La psychanalyse est, je pense, un des derniers bastions de liberté de parole dans notre monde à la botte du dictat de la censure économique. Je veux dire un des rares endroits où la parole est écoutée car, si notre société permissive permet de tout dire à tort et à travers, « Mal nommer les choses c’est ajouter au malheur du Monde » nous enseigna Camus. La nouvelle censure du nouvel autoritarisme aime à prendre les voies de l’ostracisme : on n’entend pas, on ne voit pas (à l’image de ces SDF qui pourraient hurler à l’aide autant qu’ils voudraient sans réponse – sinon éventuellement une amende pour perturbation de l’ordre public) .
Nouvelle censure guidée par la régle du « politiquement correct », elle-même soumise à la régle de la rentabilité économique (nous le savons maintenant : la TV sert à vider les cerveaux pour les remplir de messages publicitaires, donc un cerveau devient un simple récipient à la disposition des commerçants) .
Autre bastion de liberté : le livre .
Le livre, celui où l’auteur y met ses tripes, sa pensée, ses années, s’expose et donne ; ce livre-là est un espace de liberté dans lequel le lecteur trouvera une respiration, un espace de mutation et d’évolution.
Je pense que les expériences de mutation -c’est-à-dire, déjouer ce qui est déterminé, permettre du nouveau dans une vie, une perspective inattendue, échapper à ce qui était écrit d’avance, sont possibles grâce à trois événements sous forme de rencontre :
- la rencontre amoureuse ;
- la rencontre avec un ou des livres ;
- la rencontre avec la psychanalyse.
Dans ce sens, des manifestations telles que le Salon du Livre de Colmar revêtent une importance considérable en regard de la liberté.
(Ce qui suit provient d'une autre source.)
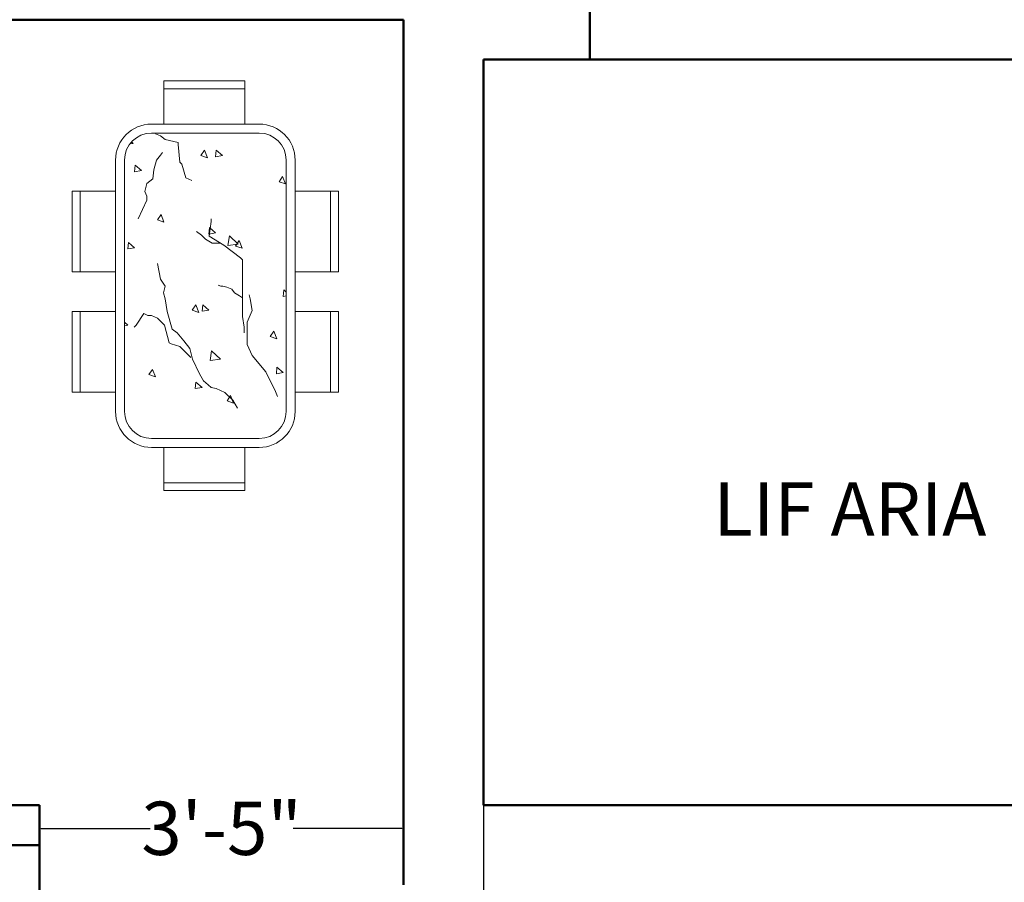
# Model space of a CAD drawing. Units: inches. Extents: x -173 to 545, y -746 to 104.
# Tile 14 of 32: x 168 to 278, y -561 to -463. Entities that reach past the tile are written whole.
import ezdxf

# ---------------------------------------------------------------- set-up
doc = ezdxf.new("R2010")
doc.units = ezdxf.units.IN
doc.header["$MEASUREMENT"] = 0
for name, color, linetype, lineweight in [('A-ANNO-DIMS', 2, 'Continuous', 18), ('A-AREA-IDEN', 7, 'Continuous', 18), ('A-FURN', 8, 'Continuous', 18), ('A-WALL', 7, 'Continuous', 50)]:
    doc.layers.add(name, color=color, linetype=linetype, lineweight=lineweight)
doc.styles.get("Standard").update_dxf_attribs({"font": 'arial.ttf'})
doc.dimstyles.get("Standard").update_dxf_attribs({"dimtxt": 0.18, "dimasz": 0.18, "dimexe": 0.18, "dimexo": 0.0625, "dimgap": 0.09, "dimtad": 0, "dimtih": 1, "dimtoh": 1, "dimdec": 0, "dimzin": 0, "dimdsep": 46, "dimlunit": 3, "dimtxsty": 'Standard', "dimcen": 0.09, "dimadec": 0, "dimazin": 0, "dimtfac": 1, "dimtdec": 0, "dimtofl": 0, "dimtmove": 0, "dimatfit": 3, "dimfxl": 1, "dimtolj": 1, "dimtzin": 0, "dimarcsym": 0})

# ---------------------------------------------------------------- blocks, each defined once
blk = doc.blocks.new('*D15')
at = {"layer": 'A-ANNO-DIMS', "color": 0, "lineweight": -2, "transparency": 16777216}
for p, q in [((169.8, -551.92), (169.8, -554.66)), ((210.8, -551.92), (210.8, -554.66)), ((169.98, -554.48), (182.24, -554.48)), ((210.62, -554.48), (198.36, -554.48))]:
    blk.add_line(p, q, dxfattribs=at)
at = {"layer": 'A-ANNO-DIMS', "color": 0, "transparency": 16777216}
for points in [[(169.98, -554.45), (169.98, -554.51), (169.8, -554.48)], [(210.62, -554.45), (210.62, -554.51), (210.8, -554.48)]]:
    blk.add_solid(points, dxfattribs=at)
at = {"layer": 'Defpoints', "color": 0, "transparency": 16777216}
for p in [(169.8, -551.86), (210.8, -551.86), (210.8, -554.48)]:
    blk.add_point(p, dxfattribs=at)
at = {"layer": 'A-ANNO-DIMS', "color": 0, "transparency": 16777216, "insert": (190.3, -554.48), "char_height": 6, "attachment_point": 5}
blk.add_mtext('\\A1;3\'-5"', dxfattribs=at)
blk = doc.blocks.new('DINING-TABLE-SIX')
for p, q in [((19.42, 46.17), (10.32, 46.17)), ((10.32, 46.17), (10.32, 41.3)), ((19.42, 41.3), (19.42, 46.17)), ((10.32, 45.28), (19.42, 45.28)), ((21.06, 41.3), (8.92, 41.3)), ((8.92, 40.29), (21.06, 40.29)), ((9.38, 40.21), (9.93, 39.99)), ((9.93, 39.99), (10.48, 39.55)), ((6.49, 39.07), (6.86, 39.11)), ((6.68, 39.29), (6.86, 39.11)), ((10.48, 39.55), (11.91, 39.22)), ((11.91, 39.22), (11.91, 39)), ((11.91, 39), (12.13, 37.02)), ((9.5, 37.24), (9.94, 37.79)), ((9.94, 37.79), (10.16, 38.12)), ((14.89, 38.37), (14.48, 37.76)), ((14.48, 37.76), (15.22, 37.52)), ((14.89, 38.37), (15.22, 37.52)), ((16.21, 38.35), (16.15, 37.62)), ((16.15, 37.62), (16.91, 37.76)), ((16.21, 38.35), (16.91, 37.76)), ((4.88, 37.25), (4.88, 8.92)), ((5.89, 8.92), (5.89, 37.25)), ((7.08, 36.66), (7.02, 35.94)), ((7.08, 36.66), (7.78, 36.08)), ((9.17, 36.14), (9.5, 37.24)), ((12.13, 37.02), (12.35, 36.8)), ((12.35, 36.8), (12.79, 35.26)), ((24.1, 37.25), (24.1, 8.92)), ((25.11, 8.92), (25.11, 37.25)), ((7.02, 35.94), (7.78, 36.08)), ((9.06, 35.15), (9.17, 36.14)), ((8.18, 33.72), (8.4, 34.6)), ((8.4, 34.6), (9.06, 35.15)), ((12.79, 35.26), (13.45, 34.93)), ((23.69, 35.41), (23.29, 34.81)), ((23.29, 34.81), (24.02, 34.56)), ((23.69, 35.41), (24.02, 34.56)), ((4.88, 33.75), (0, 33.75)), ((0, 33.75), (0, 24.64)), ((0.89, 24.64), (0.89, 33.75)), ((8.4, 33.17), (8.18, 33.72)), ((25.11, 33.75), (29.99, 33.75)), ((29.1, 24.64), (29.1, 33.75)), ((29.99, 33.75), (29.99, 24.64)), ((7.41, 30.64), (8.4, 32.73)), ((8.4, 32.73), (8.4, 33.17)), ((10, 31.12), (9.6, 30.52)), ((10, 31.12), (10.33, 30.27)), ((9.59, 30.52), (10.33, 30.27)), ((15.43, 28.66), (15.65, 30.31)), ((15.65, 30.31), (15.65, 30.64)), ((14.55, 28.77), (14, 29.21)), ((15.45, 29.64), (15.39, 28.91)), ((15.39, 28.91), (16.15, 29.05)), ((15.45, 29.64), (16.15, 29.05)), ((6.32, 27.95), (6.25, 27.23)), ((6.32, 27.95), (7.02, 27.37)), ((14.99, 28.33), (14.55, 28.77)), ((15.76, 27.89), (14.99, 28.33)), ((17.08, 27.67), (15.43, 28.66)), ((16.75, 27.89), (15.76, 27.89)), ((17.7, 28.71), (17.54, 27.63)), ((17.54, 27.63), (18.69, 27.77)), ((17.7, 28.71), (18.69, 27.77)), ((18.81, 28.17), (18.4, 27.56)), ((18.81, 28.17), (19.13, 27.32)), ((6.25, 27.23), (7.02, 27.37)), ((18.94, 26.24), (17.08, 27.67)), ((18.4, 27.56), (19.13, 27.32)), ((9.93, 23.82), (9.6, 25.58)), ((19.16, 26.02), (18.94, 26.24)), ((19.16, 19.64), (19.16, 26.02)), ((0, 24.64), (4.88, 24.64)), ((29.99, 24.64), (25.11, 24.64)), ((10.48, 23.05), (9.93, 23.82)), ((10.26, 22.28), (10.48, 23.05)), ((10.48, 21.62), (10.26, 22.28)), ((16.75, 23.05), (16.42, 23.16)), ((16.97, 23.05), (16.75, 23.05)), ((17.41, 22.94), (16.97, 23.05)), ((17.96, 22.72), (17.41, 22.94)), ((18.29, 22.28), (17.96, 22.72)), ((18.84, 21.95), (18.29, 22.28)), ((23.82, 22.62), (23.76, 21.89)), ((23.82, 22.62), (24.1, 22.38)), ((10.7, 20.19), (10.48, 21.62)), ((19.17, 21.73), (18.84, 21.95)), ((20.04, 21.62), (19.93, 22.06)), ((20.26, 20.3), (20.04, 21.62)), ((23.76, 21.89), (24.1, 21.95)), ((4.88, 20.19), (0, 20.19)), ((0, 20.19), (0, 11.09)), ((0.89, 11.09), (0.89, 20.19)), ((11.25, 18.21), (10.7, 20.19)), ((13.92, 20.92), (13.51, 20.32)), ((13.51, 20.32), (14.24, 20.07)), ((13.92, 20.92), (14.24, 20.07)), ((14.69, 20.93), (14.62, 20.21)), ((14.62, 20.21), (15.39, 20.35)), ((14.69, 20.93), (15.39, 20.35)), ((19.71, 18.98), (20.26, 20.3)), ((25.11, 20.19), (29.99, 20.19)), ((29.1, 11.09), (29.1, 20.19)), ((29.99, 20.19), (29.99, 11.09)), ((5.89, 18.97), (6.25, 18.66)), ((8.07, 19.97), (7.19, 18.65)), ((8.51, 19.75), (8.07, 19.97)), ((8.94, 19.75), (8.51, 19.75)), ((9.6, 19.42), (8.94, 19.75)), ((10.37, 18.65), (9.6, 19.42)), ((19.38, 18.43), (19.16, 19.64)), ((19.71, 16.45), (19.71, 18.98)), ((5.89, 18.59), (6.25, 18.66)), ((7.19, 18.65), (6.97, 18.43)), ((10.92, 16.67), (10.37, 18.65)), ((11.8, 17.77), (11.25, 18.21)), ((12.57, 16.89), (11.8, 17.77)), ((19.38, 17.77), (19.38, 18.43)), ((22.72, 17.97), (22.31, 17.36)), ((22.72, 17.97), (23.05, 17.12)), ((11.14, 16.56), (10.92, 16.67)), ((13.23, 16.01), (12.57, 16.89)), ((22.31, 17.36), (23.05, 17.12)), ((12.13, 16.23), (11.14, 16.56)), ((12.9, 15.46), (12.13, 16.23)), ((13.56, 14.8), (13.23, 16.01)), ((15.69, 15.75), (15.53, 14.68)), ((15.69, 15.75), (16.68, 14.81)), ((20.26, 15.24), (19.71, 16.45)), ((13.34, 15.02), (12.9, 15.46)), ((14.33, 13.15), (13.56, 14.8)), ((15.53, 14.68), (16.68, 14.81)), ((21.8, 13.37), (20.26, 15.24)), ((9.03, 13.67), (8.62, 13.07)), ((9.03, 13.67), (9.36, 12.82)), ((22.9, 11.17), (21.8, 13.37)), ((23.06, 13.91), (22.99, 13.18)), ((22.99, 13.18), (23.76, 13.32)), ((23.06, 13.91), (23.76, 13.32)), ((8.62, 13.07), (9.36, 12.82)), ((13.93, 12.22), (13.86, 11.5)), ((13.93, 12.22), (14.62, 11.64)), ((14.77, 12.38), (14.33, 13.15)), ((15.32, 11.94), (14.77, 12.38)), ((13.86, 11.5), (14.62, 11.64)), ((15.65, 11.61), (15.32, 11.94)), ((16.2, 11.5), (15.65, 11.61)), ((17.19, 11.06), (16.2, 11.5)), ((23.12, 10.62), (22.9, 11.17)), ((0, 11.09), (4.88, 11.09)), ((18.07, 10.18), (17.19, 11.06)), ((17.83, 10.72), (17.43, 10.11)), ((17.43, 10.11), (18.16, 9.87)), ((17.83, 10.72), (18.16, 9.87)), ((18.61, 9.3), (18.07, 10.18)), ((29.99, 11.09), (25.11, 11.09)), ((21.06, 5.89), (8.92, 5.89)), ((8.92, 4.88), (21.06, 4.88)), ((10.32, 4.88), (10.32, 0)), ((19.42, 0), (19.42, 4.88)), ((19.42, 0.89), (10.32, 0.89)), ((10.32, 0), (19.42, 0))]:
    blk.add_line(p, q)
for centre, radius, start, end in [((8.92, 37.25), 4.05, 90, 180), ((21.06, 37.25), 4.05, 0, 90), ((8.92, 37.25), 3.04, 90, 180), ((21.06, 37.25), 3.04, 0, 90), ((8.92, 8.92), 4.05, 180, 270), ((8.92, 8.92), 3.04, 180, 270), ((21.06, 8.92), 3.04, 270, 0), ((21.06, 8.92), 4.05, 270, 0)]:
    blk.add_arc(centre, radius, start, end)
blk = doc.blocks.new('*D81')
at = {"layer": 'A-ANNO-DIMS', "color": 0, "lineweight": -2, "transparency": 16777216}
for p, q in [((219.8, -551.92), (219.8, -740.64)), ((306.3, -551.92), (306.3, -740.64)), ((219.98, -740.46), (262.51, -740.46)), ((306.12, -740.46), (263.59, -740.46))]:
    blk.add_line(p, q, dxfattribs=at)
at = {"layer": 'A-ANNO-DIMS', "color": 0, "transparency": 16777216}
for points in [[(219.98, -740.43), (219.98, -740.49), (219.8, -740.46)], [(306.12, -740.43), (306.12, -740.49), (306.3, -740.46)]]:
    blk.add_solid(points, dxfattribs=at)
at = {"layer": 'Defpoints', "color": 0, "transparency": 16777216}
for p in [(219.8, -551.86), (306.3, -551.86), (306.3, -740.46)]:
    blk.add_point(p, dxfattribs=at)
at = {"layer": 'A-ANNO-DIMS', "color": 0, "transparency": 16777216, "insert": (263.05, -740.46), "char_height": 0.18, "attachment_point": 5}
blk.add_mtext('\\A1;7\'-2 1/2"', dxfattribs=at)
blk = doc.blocks.new('*D82')
at = {"layer": 'A-ANNO-DIMS', "color": 0, "lineweight": -2, "transparency": 16777216}
for p, q in [((219.86, -467.86), (545.08, -467.86)), ((544.9, -468.04), (544.9, -509.68)), ((544.9, -551.68), (544.9, -510.04)), ((219.86, -551.86), (545.08, -551.86))]:
    blk.add_line(p, q, dxfattribs=at)
at = {"layer": 'A-ANNO-DIMS', "color": 0, "transparency": 16777216}
for points in [[(544.87, -468.04), (544.93, -468.04), (544.9, -467.86)], [(544.87, -551.68), (544.93, -551.68), (544.9, -551.86)]]:
    blk.add_solid(points, dxfattribs=at)
at = {"layer": 'Defpoints', "color": 0, "transparency": 16777216}
for p in [(219.8, -467.86), (219.8, -551.86), (544.9, -551.86)]:
    blk.add_point(p, dxfattribs=at)
at = {"layer": 'A-ANNO-DIMS', "color": 0, "transparency": 16777216, "insert": (544.9, -509.86), "char_height": 0.18, "attachment_point": 5}
blk.add_mtext('\\A1;7\'-0"', dxfattribs=at)

msp = doc.modelspace()

# ---------------------------------------------------------------- linework, layer by layer
at = {"layer": 'A-WALL'}
for p, q in [((231.8, -458.86), (231.8, -467.86)), ((156.8, -463.36), (210.8, -463.36)), ((210.8, -463.36), (210.8, -560.86)), ((219.8, -467.86), (306.3, -467.86)), ((219.8, -467.86), (219.8, -551.86)), ((85.8, -551.86), (169.8, -551.86)), ((169.8, -551.86), (169.8, -688.36)), ((219.8, -551.86), (306.3, -551.86)), ((33.3, -556.36), (169.8, -556.36))]:
    msp.add_line(p, q, dxfattribs=at)

# ---------------------------------------------------------------- block references
at = {"layer": 'A-FURN'}
msp.add_blockref('DINING-TABLE-SIX', (173.48, -516.43), dxfattribs=at)

# ---------------------------------------------------------------- texts
at = {"layer": 'A-AREA-IDEN', "insert": (245.72, -515.5), "char_height": 6, "attachment_point": 1}
msp.add_mtext('LIF ARIA', dxfattribs=at)

# ---------------------------------------------------------------- dimensions: what is measured, and where the dimension line sits
at = {"layer": 'A-ANNO-DIMS'}
dim = msp.add_linear_dim(base=(544.9, -551.86), p1=(219.8, -467.86), p2=(219.8, -551.86), angle=90, dimstyle='Standard', override={"dimdec": 1, "dimlfac": 1, "dimrnd": 0, "dimzin": 1, "dimdsep": 46, "dimlunit": 4, "dimfrac": 2}, dxfattribs=at)
dim.commit()
dim.dimension.update_dxf_attribs({"geometry": '*D82', "text_midpoint": (544.9, -509.86)})
for base, p1, p2, override, picture, middle in [((210.8, -554.48), (169.8, -551.86), (210.8, -551.86), {"dimtxt": 6, "dimclrd": 0, "dimclre": 0, "dimclrt": 0}, '*D15', (190.3, -554.48)), ((306.3, -740.46), (219.8, -551.86), (306.3, -551.86), {"dimdec": 1, "dimlfac": 1, "dimrnd": 0, "dimzin": 1, "dimdsep": 46, "dimlunit": 4, "dimfrac": 2}, '*D81', (263.05, -740.46))]:
    dim = msp.add_linear_dim(base=base, p1=p1, p2=p2, dimstyle='Standard', override=override, dxfattribs=at)
    dim.commit()
    dim.dimension.update_dxf_attribs({"geometry": picture, "text_midpoint": middle})

doc.saveas('drawing.dxf')

En effet pas de liberté sans livres et sans culture. Pas de liberté sans la contrainte de la culture : penser ex nihilo (nouvelle tarte à la créme de l’Education Nationale qui donne priorité à l’expérience de l’enfant comme valeur sacrée, sans l’inscrire dans un discours préalable) n’existe évidemment pas, tout comme désirer sans la contrainte du manque et de la Loi n’existe pas .
Je pense que la liberté et la culture constituent la matrice de la pensée qu’il faut défendre avec force pour faire barrage à l’archaïsme pulsionnel particuliérement actif dans les nombreux retours à la barbarie de notre monde dit « moderne ».